Encümeni Şuara Şairleri

1861 yılı baharında -muhtemelen Mayıs, Haziran gibi- Hersekli Ârif Hikmet Bey‘in Laleli Çukurçeşme’deki evinde buluşmaya süregelen ve her salı muntazaman devamla bir seneye yakın müddet bu edebiyat toplantılarını sürdüren şairlerin “encümen-i şuara“sını bu kez bir özgü isim sayacağız.

Encümen-i şuaralar bir dernek oturumu ciddiyetinde toplanmazlar. Şüphesiz ki, her görüşmede bulunmaya çalışan müdavimleri vardır; lakin bir ihtimal bir o denli da davet edilmiş olduğu veya merak etmiş olduğu için bir iki sefer katılıp arkasını getirmeyen adlar çıkacaktır. Bu sebeple, bazı kaynaklarda, encümenin asli müdavimlerinden olmayan adların de anıldığına sıkça rastlanması garipsenmemeli. Encümenin asli ekibini belirlemek için, devam ettiğinden kuşku edilmeyen adları sıralamakta yarar var:

Yaşça müdavimlerin bir kısmından daha genç olmasına karşın, şiirdeki kudretiyle kendini kabul ettirmiş ve encümenin reisi mevkiine oturtulmuş olan,

Öteki müdavimler:

  • Takvim-i Vekayi ve Basımevi-i Amire Nazırı Ruznamçecizade Mehmet Lebib Efendi (1785-1867),
  • Rumeli Kazaskeri Mustafa İzzet Efendi (1801-1876),
  • Nakşibendi şeyhi “Bazü’l-enver” Osman Nurettin Şems Efendi (1813-1893),
  • sabık alay emini Koniçeli Musa Kâzım Bey (1821-1889),
  • İsmail Paşazade (Üsküdarlı/ Kör/ Yek-çeşm/ Deli) İbrahim Hakkı Bey (1822-1895),
  • Manastırlı Hoca Salih Naili Efendi (1823-1876),
  • İstanbul Emtia Gümrüğü Manifatura Memuru Manastırlı Salih Faik Bey (1825-1900),
  • Mabeyn-i Hümayun Beşinci Kâtibi Abdülhamit Ziya Bey (1829-1880),
  • Rüsumat Emaneti Kurul-i Tahririyesi kâtiplerinden İbrahim Halet Bey (1837-1878),
  • Hariciye Nezareti Mektubî Kalemi’nden Recaizade Mehmet Celal Bey (1838-1882),
  • Mabeyn-i Hümayun Kitabeti’nden Mazlum Paşazade Memduh Faik Bey (1839-1925),
  • Niğdeli Deli Hikmet Bey (?-1888’den sonrasında),
  • Emtia Gümrüğü Tahrirat Kalemi Başkâtib Muavini Namık Kemal Bey (1840-1888),
  • Mezahib Odası hulefasından Miratçi Mustafa Refik Bey (1843?-1865).
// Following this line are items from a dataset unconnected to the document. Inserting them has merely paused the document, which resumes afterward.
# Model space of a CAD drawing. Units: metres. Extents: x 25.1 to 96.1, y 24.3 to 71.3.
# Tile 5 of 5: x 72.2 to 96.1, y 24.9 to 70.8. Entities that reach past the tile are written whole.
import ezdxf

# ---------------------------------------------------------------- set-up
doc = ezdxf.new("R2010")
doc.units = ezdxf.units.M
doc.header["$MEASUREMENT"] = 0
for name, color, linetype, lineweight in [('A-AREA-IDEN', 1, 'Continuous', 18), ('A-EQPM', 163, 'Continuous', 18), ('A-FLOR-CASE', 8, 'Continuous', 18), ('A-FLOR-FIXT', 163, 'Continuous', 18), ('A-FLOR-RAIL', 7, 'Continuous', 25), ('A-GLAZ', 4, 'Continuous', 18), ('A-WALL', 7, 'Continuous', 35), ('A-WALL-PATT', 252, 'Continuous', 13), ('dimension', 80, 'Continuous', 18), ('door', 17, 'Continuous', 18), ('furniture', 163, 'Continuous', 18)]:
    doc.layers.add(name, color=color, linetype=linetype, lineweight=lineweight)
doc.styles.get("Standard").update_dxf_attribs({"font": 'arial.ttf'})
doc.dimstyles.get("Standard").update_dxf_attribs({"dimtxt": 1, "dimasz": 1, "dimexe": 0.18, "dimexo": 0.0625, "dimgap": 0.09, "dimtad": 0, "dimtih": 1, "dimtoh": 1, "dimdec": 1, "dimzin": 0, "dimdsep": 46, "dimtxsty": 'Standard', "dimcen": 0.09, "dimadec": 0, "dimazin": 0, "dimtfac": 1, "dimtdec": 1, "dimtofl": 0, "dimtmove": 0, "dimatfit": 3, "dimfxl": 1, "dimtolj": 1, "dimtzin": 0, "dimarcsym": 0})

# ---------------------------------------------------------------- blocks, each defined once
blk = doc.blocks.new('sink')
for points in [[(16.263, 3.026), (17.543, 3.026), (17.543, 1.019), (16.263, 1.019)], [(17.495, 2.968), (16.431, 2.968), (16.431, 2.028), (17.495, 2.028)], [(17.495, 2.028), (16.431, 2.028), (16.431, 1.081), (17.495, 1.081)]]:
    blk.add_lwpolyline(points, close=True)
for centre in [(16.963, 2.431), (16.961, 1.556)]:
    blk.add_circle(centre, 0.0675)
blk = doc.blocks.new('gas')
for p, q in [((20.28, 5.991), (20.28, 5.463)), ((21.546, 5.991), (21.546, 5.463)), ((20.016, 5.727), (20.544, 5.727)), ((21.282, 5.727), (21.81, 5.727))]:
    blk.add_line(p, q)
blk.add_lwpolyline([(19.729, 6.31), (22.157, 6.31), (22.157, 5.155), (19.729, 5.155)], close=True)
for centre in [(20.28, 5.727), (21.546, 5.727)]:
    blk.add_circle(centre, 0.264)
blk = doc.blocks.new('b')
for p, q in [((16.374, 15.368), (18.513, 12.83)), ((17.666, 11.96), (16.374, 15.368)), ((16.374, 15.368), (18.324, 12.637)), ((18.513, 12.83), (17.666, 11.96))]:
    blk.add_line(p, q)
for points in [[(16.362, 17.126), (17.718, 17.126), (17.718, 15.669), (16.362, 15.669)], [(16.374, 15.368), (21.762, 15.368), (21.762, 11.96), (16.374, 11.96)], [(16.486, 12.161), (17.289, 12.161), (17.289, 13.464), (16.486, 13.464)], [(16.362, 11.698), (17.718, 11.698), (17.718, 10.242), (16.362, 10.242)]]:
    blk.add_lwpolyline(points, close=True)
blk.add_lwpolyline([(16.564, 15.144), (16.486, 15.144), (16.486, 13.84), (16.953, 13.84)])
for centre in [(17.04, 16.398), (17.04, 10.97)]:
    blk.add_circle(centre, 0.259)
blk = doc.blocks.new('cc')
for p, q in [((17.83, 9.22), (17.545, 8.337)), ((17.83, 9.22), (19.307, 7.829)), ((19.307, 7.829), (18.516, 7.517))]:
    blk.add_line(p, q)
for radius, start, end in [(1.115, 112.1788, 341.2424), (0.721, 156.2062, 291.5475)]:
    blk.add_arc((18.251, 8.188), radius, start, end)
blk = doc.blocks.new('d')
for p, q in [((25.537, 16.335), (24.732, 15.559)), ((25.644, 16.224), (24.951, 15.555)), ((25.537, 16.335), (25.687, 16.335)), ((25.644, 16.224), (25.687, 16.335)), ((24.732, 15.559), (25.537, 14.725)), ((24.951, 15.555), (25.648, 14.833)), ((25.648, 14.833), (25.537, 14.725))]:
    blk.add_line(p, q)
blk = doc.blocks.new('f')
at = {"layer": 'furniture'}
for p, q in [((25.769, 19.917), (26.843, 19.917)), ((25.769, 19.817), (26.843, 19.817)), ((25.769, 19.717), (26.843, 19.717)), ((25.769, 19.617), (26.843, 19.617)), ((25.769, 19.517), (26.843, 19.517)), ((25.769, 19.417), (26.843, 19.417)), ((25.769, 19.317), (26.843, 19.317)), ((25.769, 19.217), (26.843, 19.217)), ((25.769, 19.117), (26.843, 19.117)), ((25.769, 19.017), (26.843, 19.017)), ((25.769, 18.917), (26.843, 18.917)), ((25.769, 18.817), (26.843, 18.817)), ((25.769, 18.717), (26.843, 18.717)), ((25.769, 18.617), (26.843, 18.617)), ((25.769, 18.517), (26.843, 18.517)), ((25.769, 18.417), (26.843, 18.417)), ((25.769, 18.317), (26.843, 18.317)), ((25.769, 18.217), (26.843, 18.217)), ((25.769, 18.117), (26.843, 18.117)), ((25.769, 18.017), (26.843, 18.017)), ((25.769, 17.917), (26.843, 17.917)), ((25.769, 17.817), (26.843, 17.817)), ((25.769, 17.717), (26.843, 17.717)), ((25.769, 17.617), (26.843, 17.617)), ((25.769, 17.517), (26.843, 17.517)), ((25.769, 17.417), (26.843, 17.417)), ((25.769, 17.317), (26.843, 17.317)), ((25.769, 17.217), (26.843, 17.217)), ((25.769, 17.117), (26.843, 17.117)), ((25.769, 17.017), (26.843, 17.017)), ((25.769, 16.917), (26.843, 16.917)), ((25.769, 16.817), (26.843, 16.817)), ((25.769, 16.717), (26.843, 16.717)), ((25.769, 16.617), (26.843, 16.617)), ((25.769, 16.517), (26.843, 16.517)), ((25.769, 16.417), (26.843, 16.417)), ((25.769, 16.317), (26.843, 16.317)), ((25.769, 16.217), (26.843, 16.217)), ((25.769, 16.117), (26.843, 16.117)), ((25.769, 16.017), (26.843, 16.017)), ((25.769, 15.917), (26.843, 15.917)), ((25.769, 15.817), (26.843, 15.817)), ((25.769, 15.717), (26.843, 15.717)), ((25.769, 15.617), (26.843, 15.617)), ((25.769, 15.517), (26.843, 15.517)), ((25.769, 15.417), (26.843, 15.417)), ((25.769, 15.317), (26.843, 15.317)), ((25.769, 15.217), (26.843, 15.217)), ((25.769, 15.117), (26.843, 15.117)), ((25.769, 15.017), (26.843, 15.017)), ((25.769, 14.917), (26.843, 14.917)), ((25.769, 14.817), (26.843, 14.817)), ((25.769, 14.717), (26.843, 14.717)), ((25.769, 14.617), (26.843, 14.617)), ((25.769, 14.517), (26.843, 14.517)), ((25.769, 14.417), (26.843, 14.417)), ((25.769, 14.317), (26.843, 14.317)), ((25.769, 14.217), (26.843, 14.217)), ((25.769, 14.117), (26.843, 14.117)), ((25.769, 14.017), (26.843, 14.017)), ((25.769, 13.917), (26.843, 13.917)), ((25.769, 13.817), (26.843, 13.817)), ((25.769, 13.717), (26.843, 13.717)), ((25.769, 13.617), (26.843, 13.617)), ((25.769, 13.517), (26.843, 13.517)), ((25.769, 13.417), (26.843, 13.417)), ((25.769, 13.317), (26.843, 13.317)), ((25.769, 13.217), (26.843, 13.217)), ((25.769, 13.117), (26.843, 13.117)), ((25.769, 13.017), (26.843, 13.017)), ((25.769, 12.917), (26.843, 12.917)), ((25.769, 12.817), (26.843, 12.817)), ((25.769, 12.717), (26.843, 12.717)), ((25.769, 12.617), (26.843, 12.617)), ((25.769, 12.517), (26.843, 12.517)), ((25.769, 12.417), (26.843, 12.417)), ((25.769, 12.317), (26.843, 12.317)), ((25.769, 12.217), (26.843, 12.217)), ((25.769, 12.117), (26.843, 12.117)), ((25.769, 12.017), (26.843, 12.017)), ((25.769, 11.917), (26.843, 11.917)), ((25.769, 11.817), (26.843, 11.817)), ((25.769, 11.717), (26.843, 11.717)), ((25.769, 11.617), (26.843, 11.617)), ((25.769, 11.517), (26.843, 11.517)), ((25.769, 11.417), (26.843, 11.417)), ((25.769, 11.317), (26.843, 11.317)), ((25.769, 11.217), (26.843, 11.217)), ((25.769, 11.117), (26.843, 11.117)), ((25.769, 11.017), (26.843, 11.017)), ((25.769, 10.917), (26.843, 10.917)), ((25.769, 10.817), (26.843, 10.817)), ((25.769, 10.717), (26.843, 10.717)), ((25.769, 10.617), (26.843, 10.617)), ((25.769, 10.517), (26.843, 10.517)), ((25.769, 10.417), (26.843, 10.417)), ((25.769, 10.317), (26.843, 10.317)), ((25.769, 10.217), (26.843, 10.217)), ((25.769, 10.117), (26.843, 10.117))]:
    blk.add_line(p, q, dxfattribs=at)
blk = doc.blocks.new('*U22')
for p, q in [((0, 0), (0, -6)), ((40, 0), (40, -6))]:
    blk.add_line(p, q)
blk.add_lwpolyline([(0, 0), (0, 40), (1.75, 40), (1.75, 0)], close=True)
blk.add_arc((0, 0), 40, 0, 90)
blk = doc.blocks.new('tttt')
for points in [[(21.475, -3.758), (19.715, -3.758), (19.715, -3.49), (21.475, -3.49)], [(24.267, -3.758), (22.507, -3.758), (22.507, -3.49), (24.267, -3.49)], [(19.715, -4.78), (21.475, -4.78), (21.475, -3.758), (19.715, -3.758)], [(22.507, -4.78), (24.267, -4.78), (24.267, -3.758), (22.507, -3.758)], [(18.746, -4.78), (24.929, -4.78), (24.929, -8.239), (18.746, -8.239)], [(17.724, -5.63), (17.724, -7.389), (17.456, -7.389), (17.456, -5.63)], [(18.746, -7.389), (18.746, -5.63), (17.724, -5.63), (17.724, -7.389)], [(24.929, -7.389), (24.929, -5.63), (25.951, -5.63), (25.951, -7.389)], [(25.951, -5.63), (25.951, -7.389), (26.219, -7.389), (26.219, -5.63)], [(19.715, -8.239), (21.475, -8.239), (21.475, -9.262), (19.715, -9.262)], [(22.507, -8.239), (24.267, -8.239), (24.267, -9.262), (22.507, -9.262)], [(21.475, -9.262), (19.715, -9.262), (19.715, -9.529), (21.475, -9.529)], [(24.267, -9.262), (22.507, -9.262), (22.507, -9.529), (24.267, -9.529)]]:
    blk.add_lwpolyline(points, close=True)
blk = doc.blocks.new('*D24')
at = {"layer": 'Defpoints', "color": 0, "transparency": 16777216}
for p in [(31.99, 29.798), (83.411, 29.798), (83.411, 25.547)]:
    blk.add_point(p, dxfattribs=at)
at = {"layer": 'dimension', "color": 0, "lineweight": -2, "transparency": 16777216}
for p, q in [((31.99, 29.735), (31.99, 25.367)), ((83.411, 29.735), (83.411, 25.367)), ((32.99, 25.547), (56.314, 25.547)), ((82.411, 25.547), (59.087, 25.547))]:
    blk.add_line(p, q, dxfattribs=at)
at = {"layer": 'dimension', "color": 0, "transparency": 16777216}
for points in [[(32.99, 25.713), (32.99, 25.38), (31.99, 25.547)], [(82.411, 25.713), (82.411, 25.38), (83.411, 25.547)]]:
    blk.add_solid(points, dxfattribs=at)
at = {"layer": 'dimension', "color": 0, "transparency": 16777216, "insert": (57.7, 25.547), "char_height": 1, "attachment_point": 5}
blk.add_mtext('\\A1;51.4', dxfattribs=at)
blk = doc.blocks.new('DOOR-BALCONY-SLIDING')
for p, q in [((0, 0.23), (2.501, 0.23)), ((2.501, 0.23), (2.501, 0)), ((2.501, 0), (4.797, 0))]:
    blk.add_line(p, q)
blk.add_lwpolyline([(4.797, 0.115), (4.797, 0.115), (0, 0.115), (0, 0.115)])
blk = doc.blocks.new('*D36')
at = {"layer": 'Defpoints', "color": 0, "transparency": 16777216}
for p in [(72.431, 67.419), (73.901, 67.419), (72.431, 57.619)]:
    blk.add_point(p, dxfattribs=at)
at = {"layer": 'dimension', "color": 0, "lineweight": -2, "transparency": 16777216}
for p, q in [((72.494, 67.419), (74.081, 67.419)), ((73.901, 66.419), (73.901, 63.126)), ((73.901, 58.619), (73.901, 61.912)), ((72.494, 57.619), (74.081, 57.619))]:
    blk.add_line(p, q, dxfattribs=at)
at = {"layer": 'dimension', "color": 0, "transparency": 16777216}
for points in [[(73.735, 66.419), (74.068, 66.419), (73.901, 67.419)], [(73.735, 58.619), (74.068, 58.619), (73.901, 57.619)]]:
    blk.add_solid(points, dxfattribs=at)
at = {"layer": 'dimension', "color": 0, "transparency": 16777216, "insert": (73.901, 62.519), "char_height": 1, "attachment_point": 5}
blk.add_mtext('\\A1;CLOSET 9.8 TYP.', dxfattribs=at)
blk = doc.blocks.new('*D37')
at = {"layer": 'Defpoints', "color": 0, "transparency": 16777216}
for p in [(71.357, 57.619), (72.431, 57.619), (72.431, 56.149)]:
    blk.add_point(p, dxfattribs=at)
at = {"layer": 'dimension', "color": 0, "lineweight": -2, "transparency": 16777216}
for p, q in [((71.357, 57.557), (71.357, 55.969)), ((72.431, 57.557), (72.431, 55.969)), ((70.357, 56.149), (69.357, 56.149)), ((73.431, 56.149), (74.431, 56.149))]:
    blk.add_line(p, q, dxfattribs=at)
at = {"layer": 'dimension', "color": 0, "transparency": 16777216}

Encümenin toplantıları, meclis celseleri benzer biçimde bir ciddiyet taşımadığı için, ara sıra başka ozan dostların da Çukurçeşme’ye geldiklerini anlamak oldukça kolay. Müdavimi sayılmamasına karşın, ara sıra mahfele dahil olduğu malum başka şairleri de bu listeye eklemek mümkün. Sözün gelişi, Hayrettin İrfan Paşa (1815-1888), Bursalı Mustafa Eşref Paşa (1819-1894), Sadaret Mektupçusu Maraşlı Yusuf Kenan Bey (1830-1876), Hariciye Nezareti Mektubî Kalemi’nden Pepe Mustafa İsmet Efendi (1832-1892), Babıali Çeviri Odası’ndan Sadullah Rami Paşa (1838-1890)…

Encümen-i Şuara’ya iki türlü anlam verilebilir. Bu mahfele, müessese ve dağılış tarihleri, müdavimlerinin adları belli olan bir edebî topluluk olarak yanaşılabilir; bir topluluk değil, şiirdeki tavrını batılılaşma karşısındaki konumuna gore belirleyen “mutavassıtın “in bir parçası olarak bakılıp Yenişehirli Avnî’den Muallim Naci’ye kadar aynı zihniyeti paylaşmış olduğu kabul edilen şairlerin tamamını kucakladığı düşünülebilir. Bu takdirde, 1861’den ilkin ölmüş, sağ fakat İstanbul haricinde veya hemen hemen doğmamış olan şairler de encümene mensup sayılabilirler.

Encümen-i Şuara Mensuplarını Bir Araya Getiren Sebepler:

1. Encümen-i Şuara müdavimlerinin birbirlerini tanımalarına sebep olan ilk vesile, neredeyse hepsinin de soy, doğum veya memuriyet benzer biçimde sebeplerle Rumeli’ye olan bağlarıdır.

2. Şairlerin aynı meslekte, aynı büroda yada aynı amir idaresinde emekleri sebebiyle kurulmuş dostlukları encümenden ilkin başlayıp sonrasında da senelerce sürmüştür.

3. İtikadi kıymetleri de encümen şairlerini birbirine yaklaştıran mühim etkenlerdendir.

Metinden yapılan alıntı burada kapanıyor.